127 The justification related to the organisational security policy "Additional Specific Security
Functionality, (AUG1.P.Add-Functions)” is as follows:
128 Since AUG1.O.Add-Functions requires the TOE to implement exactly the same specific
security functionality as required by AUG1.P.Add-Functions, and in the very same
conditions, the organisational security policy is covered by the objective.
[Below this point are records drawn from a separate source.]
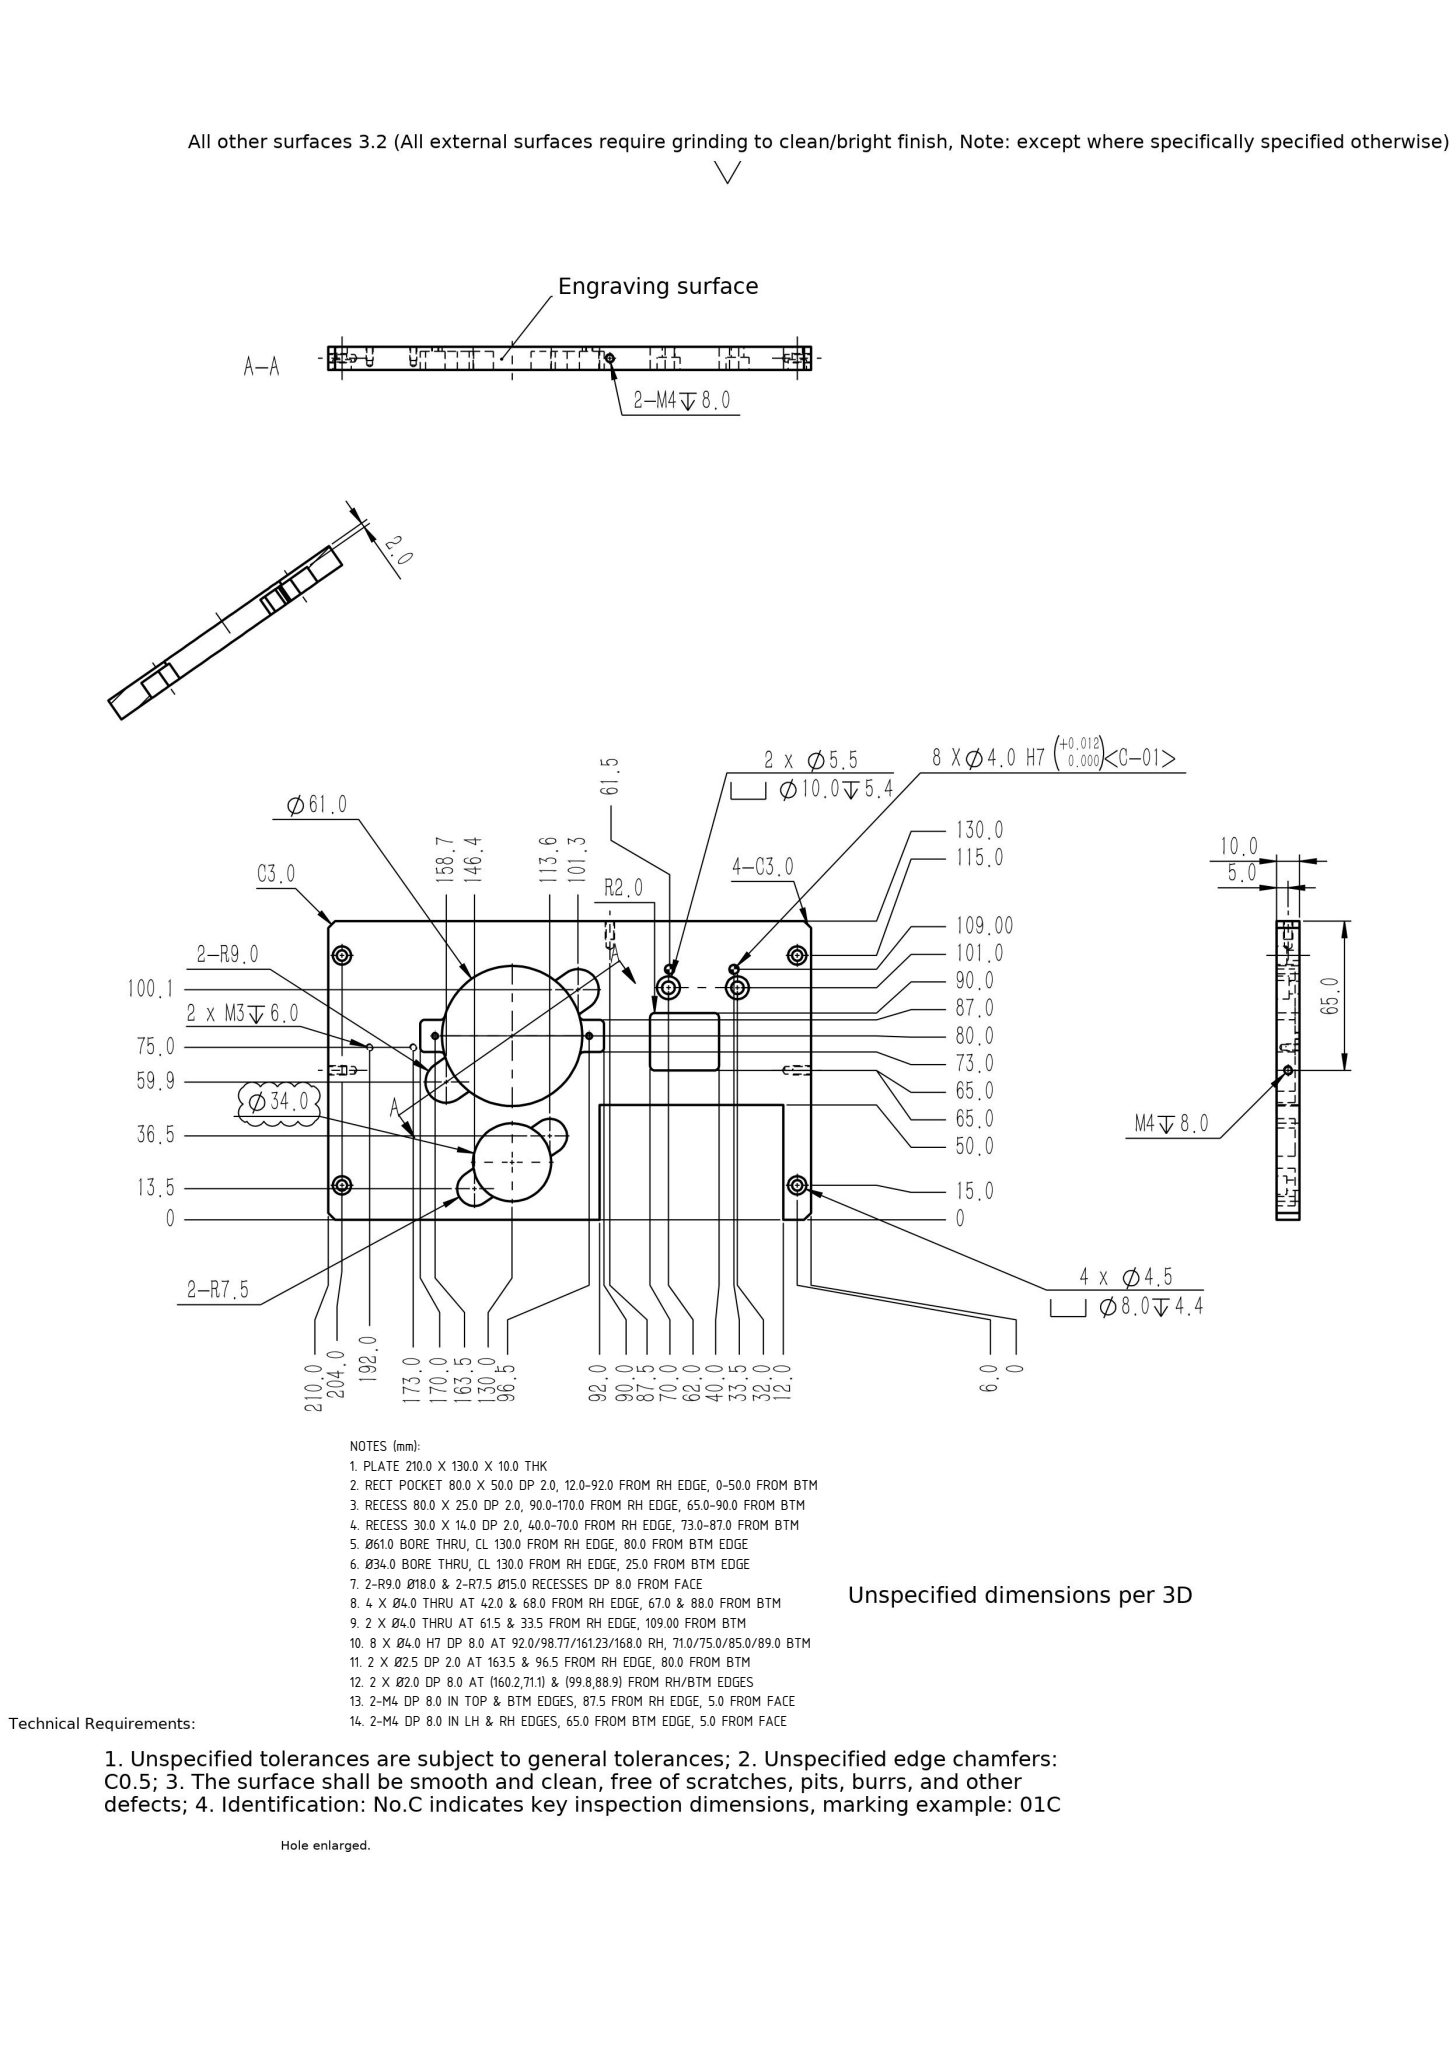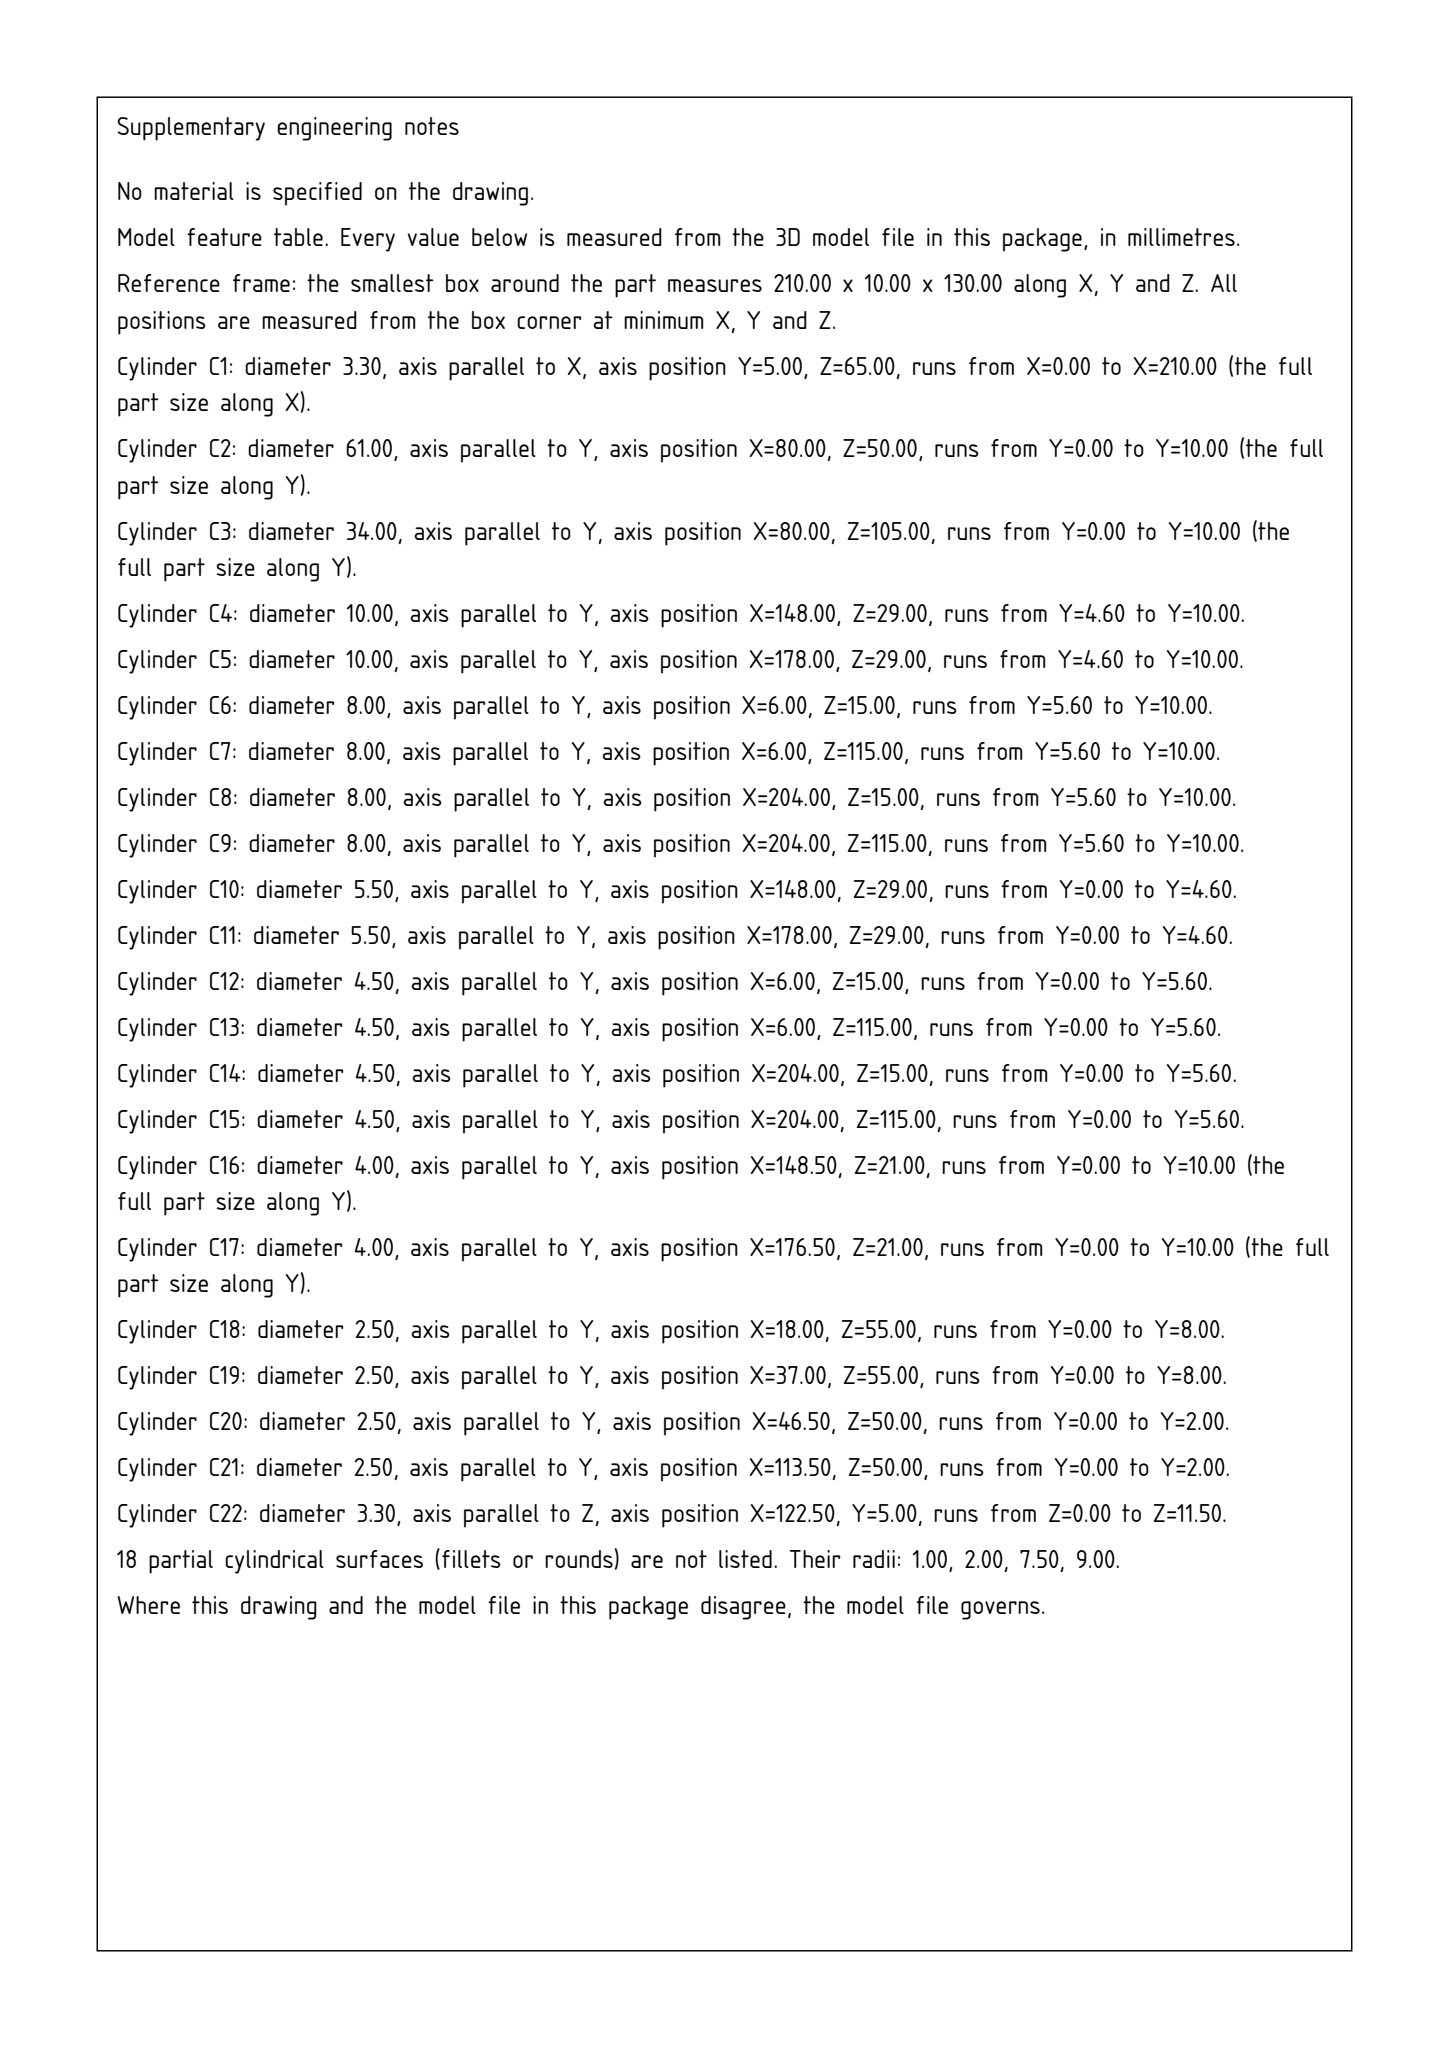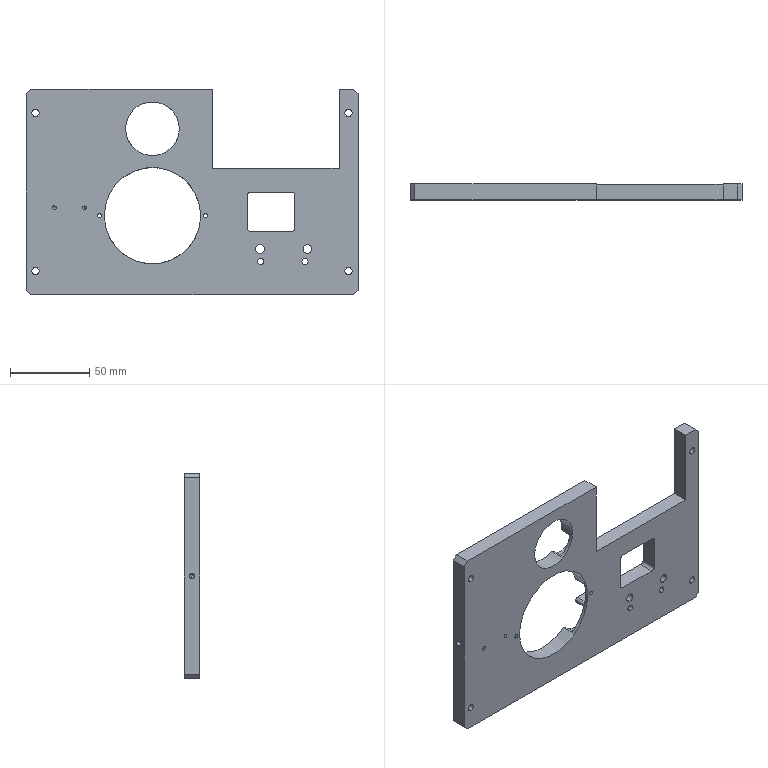Part | SolidWorks | mm | 1 solid | 121 faces | box 210 x 10 x 130 mm | volume 176179 mm3 | cylinder 67 | plane 44 | cone 10 | commonest cylinder face diameters 4 x16 2.5 x8 8 x8 4.5 x8 3.3 x6 10 x4 5.5 x4 2 x3
Drawing notes:
PLATE 210.0 X 130.0 X 10.0 THK | from the solid: bbox_xyz 210.0 x 130.0 x 10.0 (plate thk = y 10.0)
RECT POCKET 80.0 X 50.0 DP 2.0, 12.0-92.0 FROM RH EDGE, 0-50.0 FROM BTM | from the solid: x planes 118.0/198.0 & z planes 80.0/130.0; floor plane y=2.0
RECESS 80.0 X 25.0 DP 2.0, 90.0-170.0 FROM RH EDGE, 65.0-90.0 FROM BTM | from the solid: x planes 40.0/120.0 & z planes 40.0/65.0; floor plane y=2.0
RECESS 30.0 X 14.0 DP 2.0, 40.0-70.0 FROM RH EDGE, 73.0-87.0 FROM BTM | from the solid: x planes 140.0/170.0 & z planes 43.0/57.0; floor y=2.0
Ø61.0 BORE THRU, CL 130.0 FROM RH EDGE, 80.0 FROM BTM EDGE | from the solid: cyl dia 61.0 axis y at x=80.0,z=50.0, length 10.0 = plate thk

129 Nevertheless the security objectives BSI.O.Leak-Inherent, BSI.O.Phys-Probing, ,
BSI.O.Malfunction, BSI.O.Phys-Manipulation and BSI.O.Leak-Forced define how to
implement the specific security functionality required by AUG1.P.Add-Functions. (Note that
these objectives support that the specific security functionality is provided in a secure way
as expected from AUG1.P.Add-Functions.) Especially BSI.O.Leak-Inherent and
BSI.O.Leak-Forced refer to the protection of confidential data (User Data or TSF data) in
general. User Data are also processed by the specific security functionality required by
AUG1.P.Add-Functions.
130 The added objective for the TOE AUG1.O.Add-Functions does not introduce any
contradiction in the security objectives for the TOE.
4.3.7 Organisational security policy "Controlled loading of the Security IC
Embedded Software"
131 The justification related to the organisational security policy "Controlled loading of the
Security IC Embedded Software, (P.Controlled-ES-Loading)” is as follows:
132 Since O.Controlled-ES-Loading requires the TOE to implement exactly the same specific
security functionality as required by P.Controlled-ES-Loading, and in the very same
conditions, the organisational security policy is covered by the objective.
133 The added objective for the TOE O.Controlled-ES-Loading does not introduce any
contradiction in the security objectives.
4.3.8 Organisational security policy "Treatment of user data"
134 The justification related to the organisational security policy "Treatment of user data,
(P.Resp-Appl)” is as follows:
135 The policy states that the Security IC Embedded Software included in the TOE, treats user
data according to the PP assumption BSI.A.Resp-Appl. O.Resp-Appl has the same
objective as BSI.OE.Resp-Appl defined in the PP. Thus, the objectives O.Resp-Appl covers
the policy P.Resp-Appl.
136 The added objective for the TOE O.Resp-Appl does not introduce any contradiction in the
security objectives.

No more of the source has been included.